Tuesday, July 14, 2009

Australian Christian Lobby's misleading press release on GetUp's "misleading" ad

GetUp was planning to run some satirical ads opposing the Australian government's proposed mandatory Internet filtering scheme on Qantas fights in Canberra. Qantas has now refused to run them, citing a long-term ban on running "political advertising". While Qantas and GetUp tussle over the exact definition of the term "political advertising", the Australian Christian Lobby (ACL) has put out a press release entitled "ACL Welcomes Qantas move to ditch misleading GetUp ad".
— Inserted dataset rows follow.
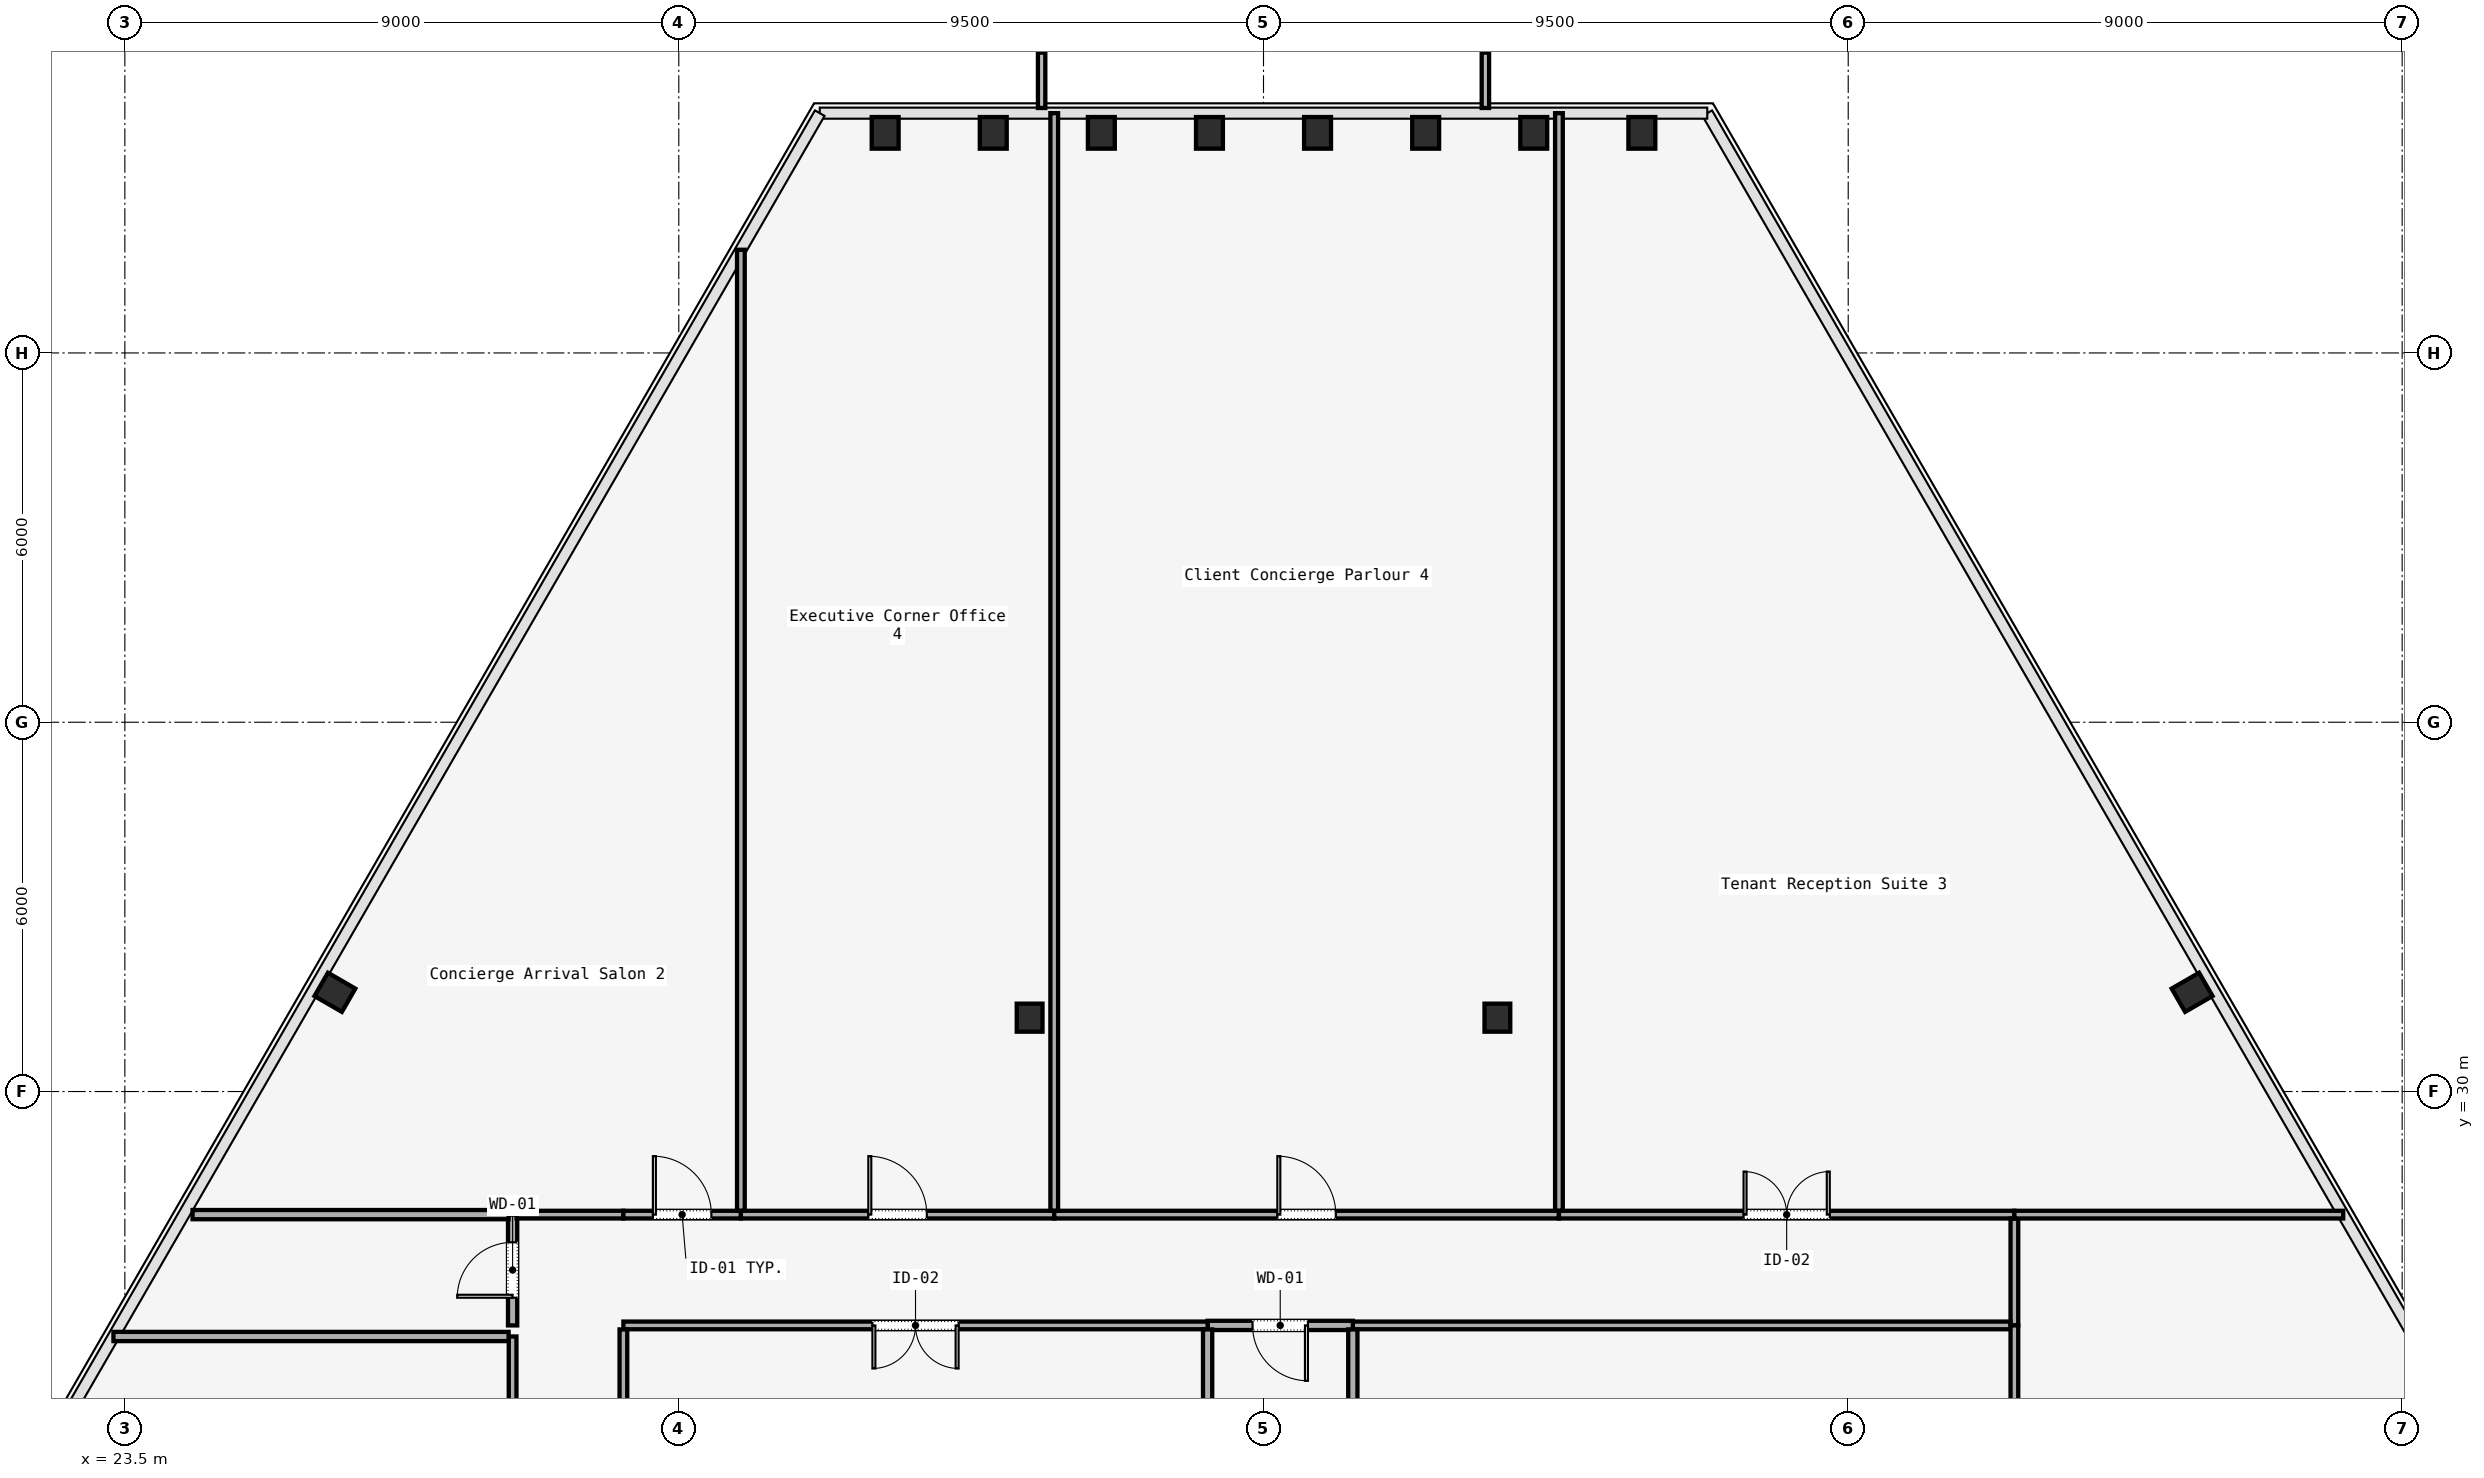
"""IFC4 building model, lengths in metres.
Left out: names, types, materials, properties, quantities, classifications, styles, units other than length and angle.
Written with IfcOpenShell. Run it as: python <this file> out.ifc"""

import sys

from ifc_helpers import new_model, si_unit, direction, frame, frame_2d, origin, origin_2d, place, context, subcontext, project, spatial, rectangle, i_section, extrude, element, fill, save


model = new_model("IFC4")
c1 = context("Model", 3, precision=1e-05, world=origin(), true_north=direction((0.0, 1.0)))
c2 = subcontext(c1, "Body", "Model", "MODEL_VIEW")
j1 = project(units=[si_unit("LENGTHUNIT", "METRE"), si_unit("PLANEANGLEUNIT", "RADIAN")], contexts=[c1])
p1 = place(None, origin())
s1 = spatial("IfcSite", under=j1, at=p1, CompositionType="ELEMENT")
p2 = place(p1, origin())
s2 = spatial("IfcBuilding", under=s1, at=p2, CompositionType="ELEMENT")
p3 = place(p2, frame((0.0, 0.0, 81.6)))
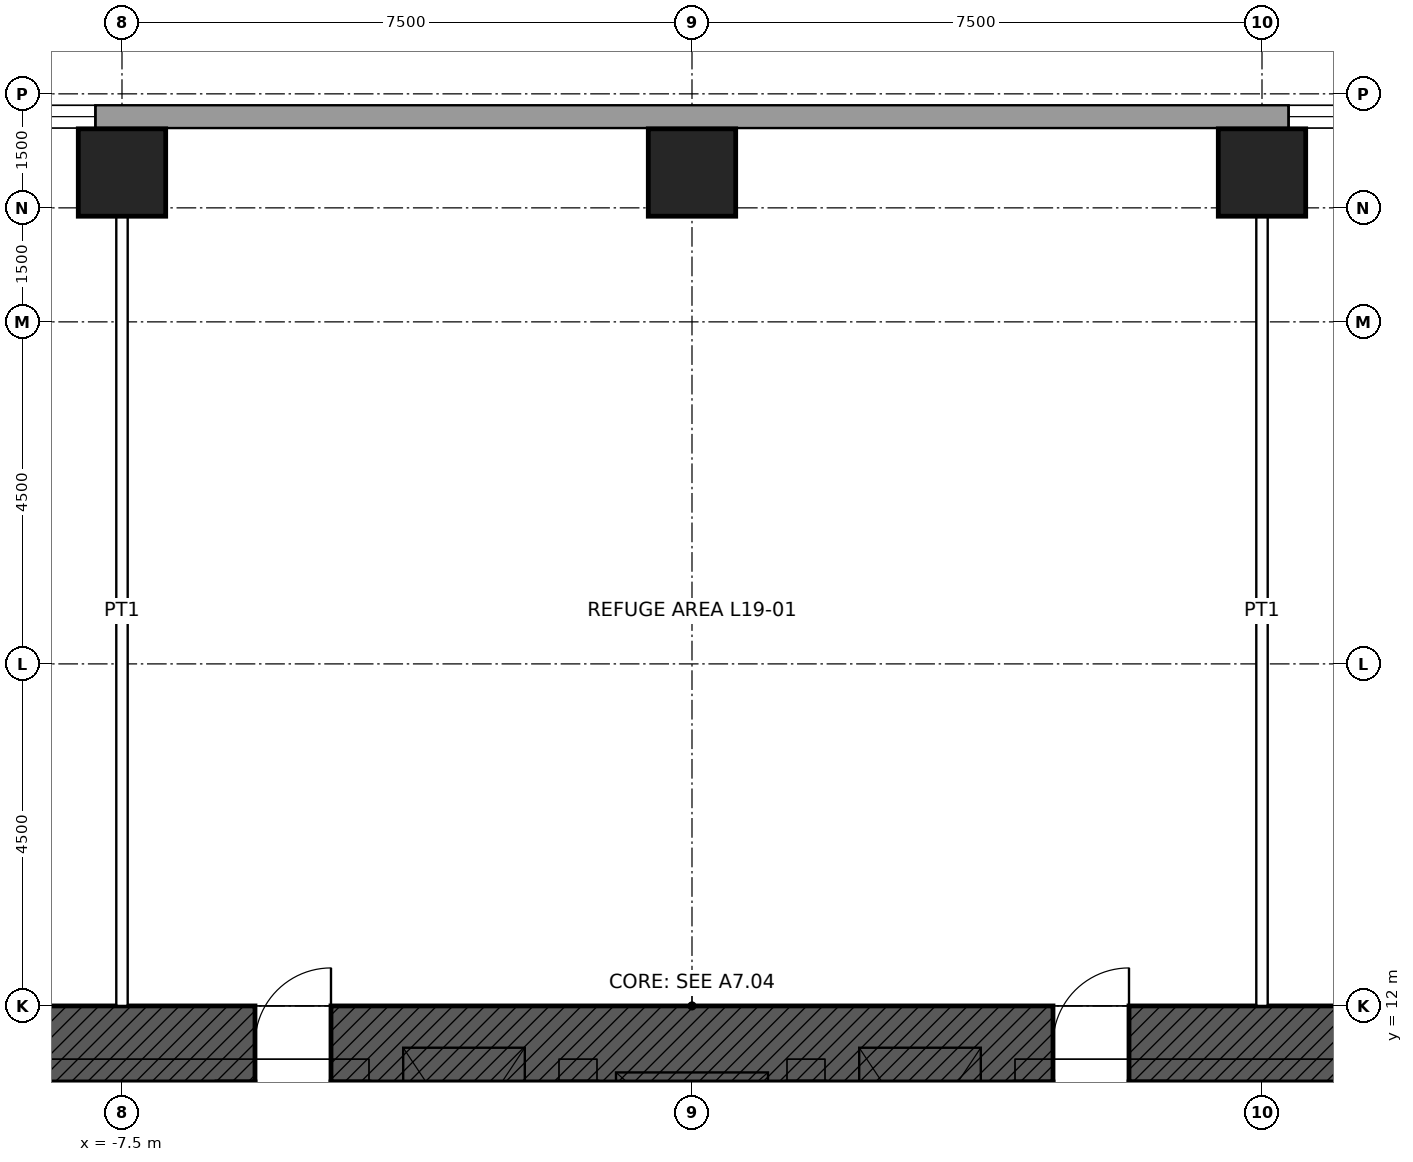
"""IFC4 building model, lengths in metres.
Left out: names, types, materials, properties, quantities, classifications, styles, units other than length and angle.
Written with IfcOpenShell. Run it as: python <this file> out.ifc"""

import sys

from ifc_helpers import new_model, si_unit, direction, frame, frame_2d, origin, origin_2d, place, context, subcontext, project, spatial, rectangle, hollow_rectangle, extrude, element, fill, save


model = new_model("IFC4")
c1 = context("Model", 3, precision=1e-05, world=origin(), true_north=direction((0.0, 1.0)))
c2 = subcontext(c1, "Body", "Model", "MODEL_VIEW")
j1 = project(units=[si_unit("LENGTHUNIT", "METRE"), si_unit("PLANEANGLEUNIT", "RADIAN")], contexts=[c1])
p1 = place(None, origin())
s1 = spatial("IfcSite", under=j1, at=p1, CompositionType="ELEMENT")
p2 = place(p1, origin())
s2 = spatial("IfcBuilding", under=s1, at=p2, CompositionType="ELEMENT")
p3 = place(p2, frame((0.0, 0.0, 98.4)))
s3 = spatial("IfcBuildingStorey", under=s2, at=p3, CompositionType="ELEMENT", Elevation=98.4)
p4 = place(p3, frame((-12.0, 11.5, 0.0), z_axis=(0.0, 0.0, 1.0), x_axis=(1.0, 0.0, 0.0)))
e1 = element("IfcWall", 1, at=p4, inside=s3, PredefinedType="SHEAR", context=c2, shape_type="SweptSolid", body=[
    extrude(rectangle(XDim=24.0, YDim=1.0, at=frame_2d((12.0, 0.0))), origin(), (0.0, 0.0, 1.0), 6.0),
])
p5 = place(p4, frame((6.25, 0.0, 0.0)))
e2 = element("IfcOpeningElement", 2, at=p5, cuts=e1, PredefinedType="OPENING", context=c2, shape_type="SweptSolid", body=[
    extrude(rectangle(XDim=1.0, YDim=2.4, at=frame_2d((0.5, 1.2))), frame((0.0, 0.51, 0.0), z_axis=(0.0, -1.0, 0.0), x_axis=(1.0, 0.0, 0.0)), (0.0, 0.0, 1.0), 1.02),
])
p6 = place(p4, frame((16.75, 0.0, 0.0)))
e3 = element("IfcOpeningElement", 3, at=p6, cuts=e1, PredefinedType="OPENING", context=c2, shape_type="SweptSolid", body=[
    extrude(rectangle(XDim=1.0, YDim=2.4, at=frame_2d((0.5, 1.2))), frame((0.0, 0.51, 0.0), z_axis=(0.0, -1.0, 0.0), x_axis=(1.0, 0.0, 0.0)), (0.0, 0.0, 1.0), 1.02),
])
for number, where, z_axis, x_axis in (
    (4, (-7.5, 22.965, -0.25), (0.0, 0.0, 1.0), (1.0, 0.0, 0.0)),
    (5, (0.0, 22.965, -0.25), (0.0, 0.0, 1.0), (1.0, 0.0, 0.0)),
    (6, (7.5, 22.965, -0.25), (0.0, 0.0, 1.0), (1.0, 0.0, 0.0)),
):
    element("IfcColumn", number, at=place(p3, frame(where, z_axis=z_axis, x_axis=x_axis)), inside=s3, PredefinedType="COLUMN", context=c2, shape_type="SweptSolid", body=[
        extrude(hollow_rectangle(XDim=1.15, YDim=1.15, WallThickness=0.075, at=origin_2d()), origin(), (0.0, 0.0, 1.0), 6.25),
    ])
p7 = place(p3, frame((-16.2, 23.7, 0.0), z_axis=(0.0, 0.0, 1.0), x_axis=(1.0, 0.0, 0.0)))
e7 = element("IfcWall", 7, at=p7, inside=s3, PredefinedType="SOLIDWALL", context=c2, shape_type="SweptSolid", body=[
    extrude(rectangle(XDim=32.4, YDim=0.3, at=frame_2d((16.2, 0.0))), origin(), (0.0, 0.0, 1.0), 5.8),
])
p8 = place(p7, frame((3.25, 0.0, 1.5)))
e8 = element("IfcOpeningElement", 8, at=p8, cuts=e7, PredefinedType="OPENING", context=c2, shape_type="SweptSolid", body=[
    extrude(rectangle(XDim=2.4, YDim=2.4, at=frame_2d((1.2, 1.2))), frame((0.0, 0.16, 0.0), z_axis=(0.0, -1.0, 0.0), x_axis=(1.0, 0.0, 0.0)), (0.0, 0.0, 1.0), 0.32),
])
p9 = place(p7, frame((5.95, 0.0, 1.5)))
e9 = element("IfcOpeningElement", 9, at=p9, cuts=e7, PredefinedType="OPENING", context=c2, shape_type="SweptSolid", body=[
    extrude(rectangle(XDim=2.4, YDim=2.4, at=frame_2d((1.2, 1.2))), frame((0.0, 0.16, 0.0), z_axis=(0.0, -1.0, 0.0), x_axis=(1.0, 0.0, 0.0)), (0.0, 0.0, 1.0), 0.32),
])
p10 = place(p7, frame((24.05, 0.0, 1.5)))
e10 = element("IfcOpeningElement", 10, at=p10, cuts=e7, PredefinedType="OPENING", context=c2, shape_type="SweptSolid", body=[
    extrude(rectangle(XDim=2.4, YDim=2.4, at=frame_2d((1.2, 1.2))), frame((0.0, 0.16, 0.0), z_axis=(0.0, -1.0, 0.0), x_axis=(1.0, 0.0, 0.0)), (0.0, 0.0, 1.0), 0.32),
])
p11 = place(p7, frame((26.75, 0.0, 1.5)))
e11 = element("IfcOpeningElement", 11, at=p11, cuts=e7, PredefinedType="OPENING", context=c2, shape_type="SweptSolid", body=[
    extrude(rectangle(XDim=2.4, YDim=2.4, at=frame_2d((1.2, 1.2))), frame((0.0, 0.16, 0.0), z_axis=(0.0, -1.0, 0.0), x_axis=(1.0, 0.0, 0.0)), (0.0, 0.0, 1.0), 0.32),
])
for number, where, z_axis, x_axis in (
    (12, (-7.5, 12.0, 0.0), (0.0, 0.0, 1.0), (0.0, 1.0, 0.0)),
    (13, (7.5, 12.0, 0.0), (0.0, 0.0, 1.0), (0.0, 1.0, 0.0)),
):
    element("IfcWall", number, at=place(p3, frame(where, z_axis=z_axis, x_axis=x_axis)), inside=s3, PredefinedType="PARTITIONING", context=c2, shape_type="SweptSolid", body=[
        extrude(rectangle(XDim=10.39, YDim=0.15, at=frame_2d((5.195, 0.0))), origin(), (0.0, 0.0, 1.0), 5.8),
    ])
p12 = place(p9, origin())
e14 = element("IfcWindow", 14, at=p12, inside=s3, PartitioningType="SINGLE_PANEL", PredefinedType="WINDOW", context=c2, shape_type="SweptSolid", body=[
    extrude(rectangle(XDim=2.4, YDim=2.4, at=frame_2d((1.2, 1.2))), frame((0.0, 0.15, 0.0), z_axis=(0.0, -1.0, 0.0), x_axis=(1.0, 0.0, 0.0)), (0.0, 0.0, 1.0), 0.06),
])
fill(e9, e14)
p13 = place(p10, origin())
e15 = element("IfcWindow", 15, at=p13, inside=s3, PartitioningType="SINGLE_PANEL", PredefinedType="WINDOW", context=c2, shape_type="SweptSolid", body=[
    extrude(rectangle(XDim=2.4, YDim=2.4, at=frame_2d((1.2, 1.2))), frame((0.0, 0.15, 0.0), z_axis=(0.0, -1.0, 0.0), x_axis=(1.0, 0.0, 0.0)), (0.0, 0.0, 1.0), 0.06),
])
fill(e10, e15)
p14 = place(p5, origin())
e16 = element("IfcDoor", 16, at=p14, inside=s3, OperationType="SINGLE_SWING_RIGHT", PredefinedType="DOOR", context=c2, shape_type="SweptSolid", body=[
    extrude(rectangle(XDim=1.0, YDim=2.4, at=frame_2d((0.5, 1.2))), frame((0.0, 0.485, 0.0), z_axis=(0.0, -1.0, 0.0), x_axis=(1.0, 0.0, 0.0)), (0.0, 0.0, 1.0), 0.05),
])
fill(e2, e16)
p15 = place(p6, origin())
e17 = element("IfcDoor", 17, at=p15, inside=s3, OperationType="SINGLE_SWING_RIGHT", PredefinedType="DOOR", context=c2, shape_type="SweptSolid", body=[
    extrude(rectangle(XDim=1.0, YDim=2.4, at=frame_2d((0.5, 1.2))), frame((0.0, 0.485, 0.0), z_axis=(0.0, -1.0, 0.0), x_axis=(1.0, 0.0, 0.0)), (0.0, 0.0, 1.0), 0.05),
])
fill(e3, e17)
save(model, sys.argv[1])

The supposedly "misleading" ad is not misleading at all. It is ACL who is being misleading in their press release. The ad itself briefly makes mention of Iran and the alleged cover-up of a rigged election there, prompting the response from the ACL:
We have been concerned that people might be responding to GetUp's plea for money to screen its ad because of the misleading claim that the Rudd Government's clean feed for kids election promise might lead to Iranian-style political repression,

Yet again, proponents of Internet censorship misleadingly try to dodge the real problem with Conroy's filter: that under his scheme, Internet censorship will be mandatory for adults. It is the ACL, not GetUp, who is misleading the public by trying to suggest otherwise.

I thought "Christians" weren't supposed to bear false witness?